Yaşayan ölüler, ne pahasına olursa olsun onları korumak için kölelerin önünde pozisyon alarak yollarına çıkan herkesi öldürürdü. Lith, Solus'a verdiği sözü unutmamıştı. Onun dileği onların emriydi.
Liderler saklandıkları yerden çıktıklarında adamları yok edilmişti. Lith'e ateş ettiler, ancak dartları daha fazla ceset yaratırken onun Göz kırpışını izlediler. Ölüler ayaklanmaya devam ediyor ve başıboş kurşunları durduran bir barikat oluşturuyor.
“Teşekkürler. Ama yardımınız gereksizdi. Zaten onları öldürürdüm. Sorgulama için ayırmam gereken tek kişi sizsiniz.” Lith liderlerin arkasında belirerek onların irkilmesine neden oldu.

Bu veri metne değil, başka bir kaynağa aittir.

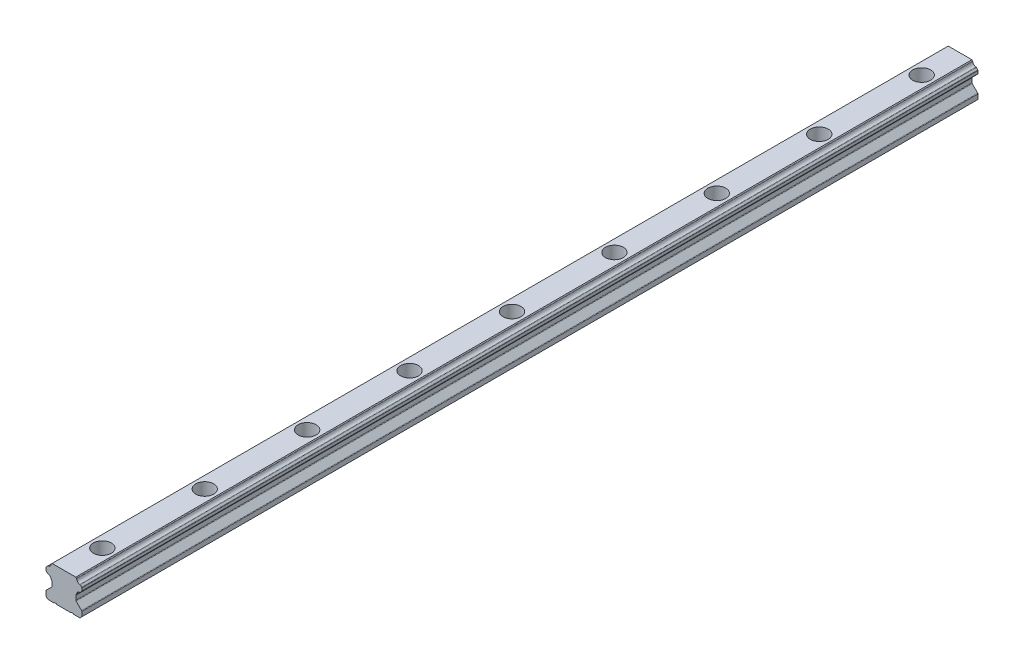
from build123d import *

# Parameters (mm, degrees)
EXTRUDE_1_DEPTH              = 700
CUT_EXTRUDE_1_DEPTH          = 701.622580281
CUT_EXTRUDE_2_REACH          = 702.623
SKETCH_4_W                   = 1.2
SKETCH_4_H                   = 0.5
CUT_EXTRUDE_3_DEPTH          = 701.622580281
SKETCH_5_W                   = 1.2
SKETCH_5_H                   = 0.5
CUT_EXTRUDE_4_DEPTH          = 701.622580281
CUT_EXTRUDE_5_DEPTH          = 701.622580281
CUT_EXTRUDE_6_REACH          = 702.623
CUT_EXTRUDE_7_REACH          = 702.623
CUT_EXTRUDE_8_REACH          = 702.623
DRAFT_1_ANGLE                = 45
DRAFT_2_ANGLE                = 45
DRAFT_3_ANGLE                = 45
DRAFT_4_ANGLE                = 45
HOLE_WIZARD_M8_1_D           = 9
HOLE_WIZARD_M8_1_CBORE_D     = 14
HOLE_WIZARD_M8_1_CBORE_DEPTH = 12
CHAMFER_1_SIZE               = 1.5
FILLET_1_R                   = 0.6
FILLET_2_R                   = 0.8


with BuildPart() as part:
    # 草图1 → 凸台-拉伸1 (new body)
    with BuildSketch(Plane(origin=(0, 0, -110), x_dir=(-1, 0, 0), z_dir=(0, 0, -1))):
        Polygon((-14, -4.744169479), (-14, -26), (14, -26), (14, -4.744169479), (9.255830521, 0), (-9.255830521, 0), align=None)
    extrude(amount=-EXTRUDE_1_DEPTH)

    # 草图2 → 切除-拉伸1 (cut, through all)
    with BuildSketch(Plane.XY.offset(590)):
        Polygon((14, -7.261680545), (9.3, -11.961680545), (9.3, -15.858900345), (14, -15.858900345), align=None)
    extrude(amount=-CUT_EXTRUDE_1_DEPTH, mode=Mode.SUBTRACT)

    # 草图3 → 切除-拉伸2 (cut, up to next)
    with BuildSketch(Plane.XY.offset(590), mode=Mode.PRIVATE) as cut_extrude_2_sk1:
        with BuildLine():
            Line((9.901074838, -11.360605707), (12.569687707, -8.691992838))
            ThreePointArc((12.569687707, -8.691992838), (10.725602827, -9.516520827), (9.901074838, -11.360605707))
        make_face()
    cut_extrude_2_tool1 = extrude(cut_extrude_2_sk1.sketch, amount=-CUT_EXTRUDE_2_REACH, mode=Mode.PRIVATE) & part.part
    add(cut_extrude_2_tool1.solids().sort_by_distance((11.029066, -9.819984, 590))[0], mode=Mode.SUBTRACT)

    # 草图4 → 切除-拉伸3 (cut, through all)
    with BuildSketch(Plane.XY.offset(590)):
        with Locations((6.65, -25.75)):
            Rectangle(SKETCH_4_W, SKETCH_4_H)
    extrude(amount=-CUT_EXTRUDE_3_DEPTH, mode=Mode.SUBTRACT)

    # 草图5 → 切除-拉伸4 (cut, through all)
    with BuildSketch(Plane.XY.offset(590)):
        with Locations((-6.65, -25.75)):
            Rectangle(SKETCH_5_W, SKETCH_5_H)
    extrude(amount=-CUT_EXTRUDE_4_DEPTH, mode=Mode.SUBTRACT)

    # 草图6 → 切除-拉伸5 (cut, through all)
    with BuildSketch(Plane.XY.offset(590)):
        Polygon((-14, -20.558900345), (-9.3, -20.558900345), (-9.3, -11.961680545), (-14, -7.261680545), align=None)
    extrude(amount=-CUT_EXTRUDE_5_DEPTH, mode=Mode.SUBTRACT)

    # 草图7 → 切除-拉伸6 (cut, up to next)
    with BuildSketch(Plane.XY.offset(590), mode=Mode.PRIVATE) as cut_extrude_6_sk1:
        with BuildLine():
            Line((-12.569687707, -8.691992838), (-9.901074838, -11.360605707))
            ThreePointArc((-9.901074838, -11.360605707), (-10.725602827, -9.516520827), (-12.569687707, -8.691992838))
        make_face()
    cut_extrude_6_tool1 = extrude(cut_extrude_6_sk1.sketch, amount=-CUT_EXTRUDE_6_REACH, mode=Mode.PRIVATE) & part.part
    add(cut_extrude_6_tool1.solids().sort_by_distance((-11.029066, -9.819984, 590))[0], mode=Mode.SUBTRACT)

    # 草图8 → 切除-拉伸7 (cut, up to next)
    with BuildSketch(Plane.XY.offset(590), mode=Mode.PRIVATE) as cut_extrude_7_sk1:
        with BuildLine():
            Line((-9.901411286, -0.645580765), (-12.563746235, -3.307915714))
            ThreePointArc((-12.563746235, -3.307915714), (-10.725602827, -2.483724173), (-9.901411286, -0.645580765))
        make_face()
    cut_extrude_7_tool1 = extrude(cut_extrude_7_sk1.sketch, amount=-CUT_EXTRUDE_7_REACH, mode=Mode.PRIVATE) & part.part
    add(cut_extrude_7_tool1.solids().sort_by_distance((-11.027412, -2.181915, 590))[0], mode=Mode.SUBTRACT)

    # 草图9 → 切除-拉伸8 (cut, up to next)
    with BuildSketch(Plane.XY.offset(590), mode=Mode.PRIVATE) as cut_extrude_8_sk1:
        with BuildLine():
            Line((12.563746235, -3.307915714), (9.901411286, -0.645580765))
            ThreePointArc((9.901411286, -0.645580765), (10.725602827, -2.483724173), (12.563746235, -3.307915714))
        make_face()
    cut_extrude_8_tool1 = extrude(cut_extrude_8_sk1.sketch, amount=-CUT_EXTRUDE_8_REACH, mode=Mode.PRIVATE) & part.part
    add(cut_extrude_8_tool1.solids().sort_by_distance((11.027412, -2.181915, 590))[0], mode=Mode.SUBTRACT)

    # 拔模1
    draft_1_faces = [part.faces().sort_by_distance(p)[0] for p in [
        (11.65, -15.858900345, 240),
    ]]
    draft(draft_1_faces, Plane(origin=(9.3, -11.961680545, -110), x_dir=(0, 0, 1), z_dir=(1, 0, 0)), DRAFT_1_ANGLE)

    # 拔模2
    draft_2_faces = [part.faces().sort_by_distance(p)[0] for p in [
        (-11.65, -20.558900345, 240),
    ]]
    draft(draft_2_faces, Plane(origin=(-14, -26, 590), x_dir=(0, 0, -1), z_dir=(-1, 0, 0)), DRAFT_2_ANGLE)

    # 拔模3
    draft_3_faces = [part.faces().sort_by_distance(p)[0] for p in [
        (6.05, -25.75, 240),
        (7.25, -25.75, 240),
    ]]
    draft(draft_3_faces, Plane(origin=(7.25, -25.5, -110), x_dir=(0, 0, -1), z_dir=(0, -1, 0)), DRAFT_3_ANGLE)

    # 拔模4
    draft_4_faces = [part.faces().sort_by_distance(p)[0] for p in [
        (-7.25, -25.75, 240),
        (-6.05, -25.75, 240),
    ]]
    draft(draft_4_faces, Plane(origin=(-6.05, -25.5, -110), x_dir=(0, 0, -1), z_dir=(0, -1, 0)), DRAFT_4_ANGLE)

    # M8 六角头螺栓的柱形沉头孔1 (through all)
    with Locations(Plane(origin=(0, 0, 0), x_dir=(1, 0, 0), z_dir=(0, 1, 0))):
        with Locations((0, -160), (0, -240), (0, -320), (0, -400), (0, -480), (0, -560), (0, 80), (0, -80), (0, 0)):
            CounterBoreHole(HOLE_WIZARD_M8_1_D / 2, HOLE_WIZARD_M8_1_CBORE_D / 2, HOLE_WIZARD_M8_1_CBORE_DEPTH)

    # 倒角1
    chamfer_1_edges = [part.edges().sort_by_distance(p)[0] for p in [
        (-14, -26, 240),
        (14, -26, 240),
    ]]
    chamfer(chamfer_1_edges, length=CHAMFER_1_SIZE)

    # 圆角1
    fillet_1_edges = [part.edges().sort_by_distance(p)[0] for p in [
        (-12.569687707, -8.691992838, 240),
        (-9.901074838, -11.360605707, 240),
        (-14, -4.744169479, 240),
        (14, -4.744169479, 240),
        (-9.901411286, -0.645580765, 240),
        (-12.563746235, -3.307915714, 240),
        (12.563746235, -3.307915714, 240),
        (9.901411286, -0.645580765, 240),
        (14, -7.261680545, 240),
        (9.901074838, -11.360605707, 240),
        (12.569687707, -8.691992838, 240),
        (-14, -7.261680545, 240),
    ]]
    fillet(fillet_1_edges, radius=FILLET_1_R)

    # 圆角2
    fillet_2_edges = [part.edges().sort_by_distance(p)[0] for p in [
        (14, -20.558900345, 240),
        (9.3, -15.858900345, 240),
        (9.3, -11.961680545, 240),
        (-14, -20.558900345, 240),
        (-9.3, -11.961680545, 240),
        (-9.3, -15.858900345, 240),
    ]]
    fillet(fillet_2_edges, radius=FILLET_2_R)


solid = part.part

Arkalarını döndüler ama ruh büyüsüyle asa kullanan kollarında sarmal bir kırılmaya neden olmak için yalnızca bileğinin bir hareketine ihtiyacı vardı. Sahipleri acı içinde kıvranırken simya aletleri yere düştü. –
Acı, durduramadıkları gözyaşlarıyla görüşlerini bulanıklaştırdı.
“Bunu nasıl yaptın?” Kadın artık kendini kutsanmış hissetmiyordu.
Kolu bilekten omzuna kadar bükülmüştü. Yıllardır emek verdiği tek şey gözlerinin önünde parçalanıyordu ve takipçilerinin cesetleri ona derin bir nefretle bakıyordu. Sanki ölümlerinden onu sorumlu tutuyorlardı.
“Büyü.” Lith, kalan kolu da aynı şekilde kıran ikinci bir vuruşla cevap verdi. Lith'in konuşarak bu kadar zaman kaybetmesinin tek nedeni ihtiyaç duyduğu tüm büyüleri yapıp onları bir anda hazır tutmaktı.
Hayatta kalan üç yağmacı yerde gevşek kaldı. Silahsız, askersiz ve çok daha korkunç bir Korucu tarafından yönetilen canavarlarla çevriliyken, daha fazla mücadele etmenin anlamsız olacağını hissediyorlardı.
Lith, kölelerden kimsenin ölmek üzere olmadığını ve tüm haydutların öldüğünü kontrol ettikten sonra Necromancy büyüsünü serbest bıraktı. Daha sonra olayların tam bir raporunu vermek için idarecisini aradı.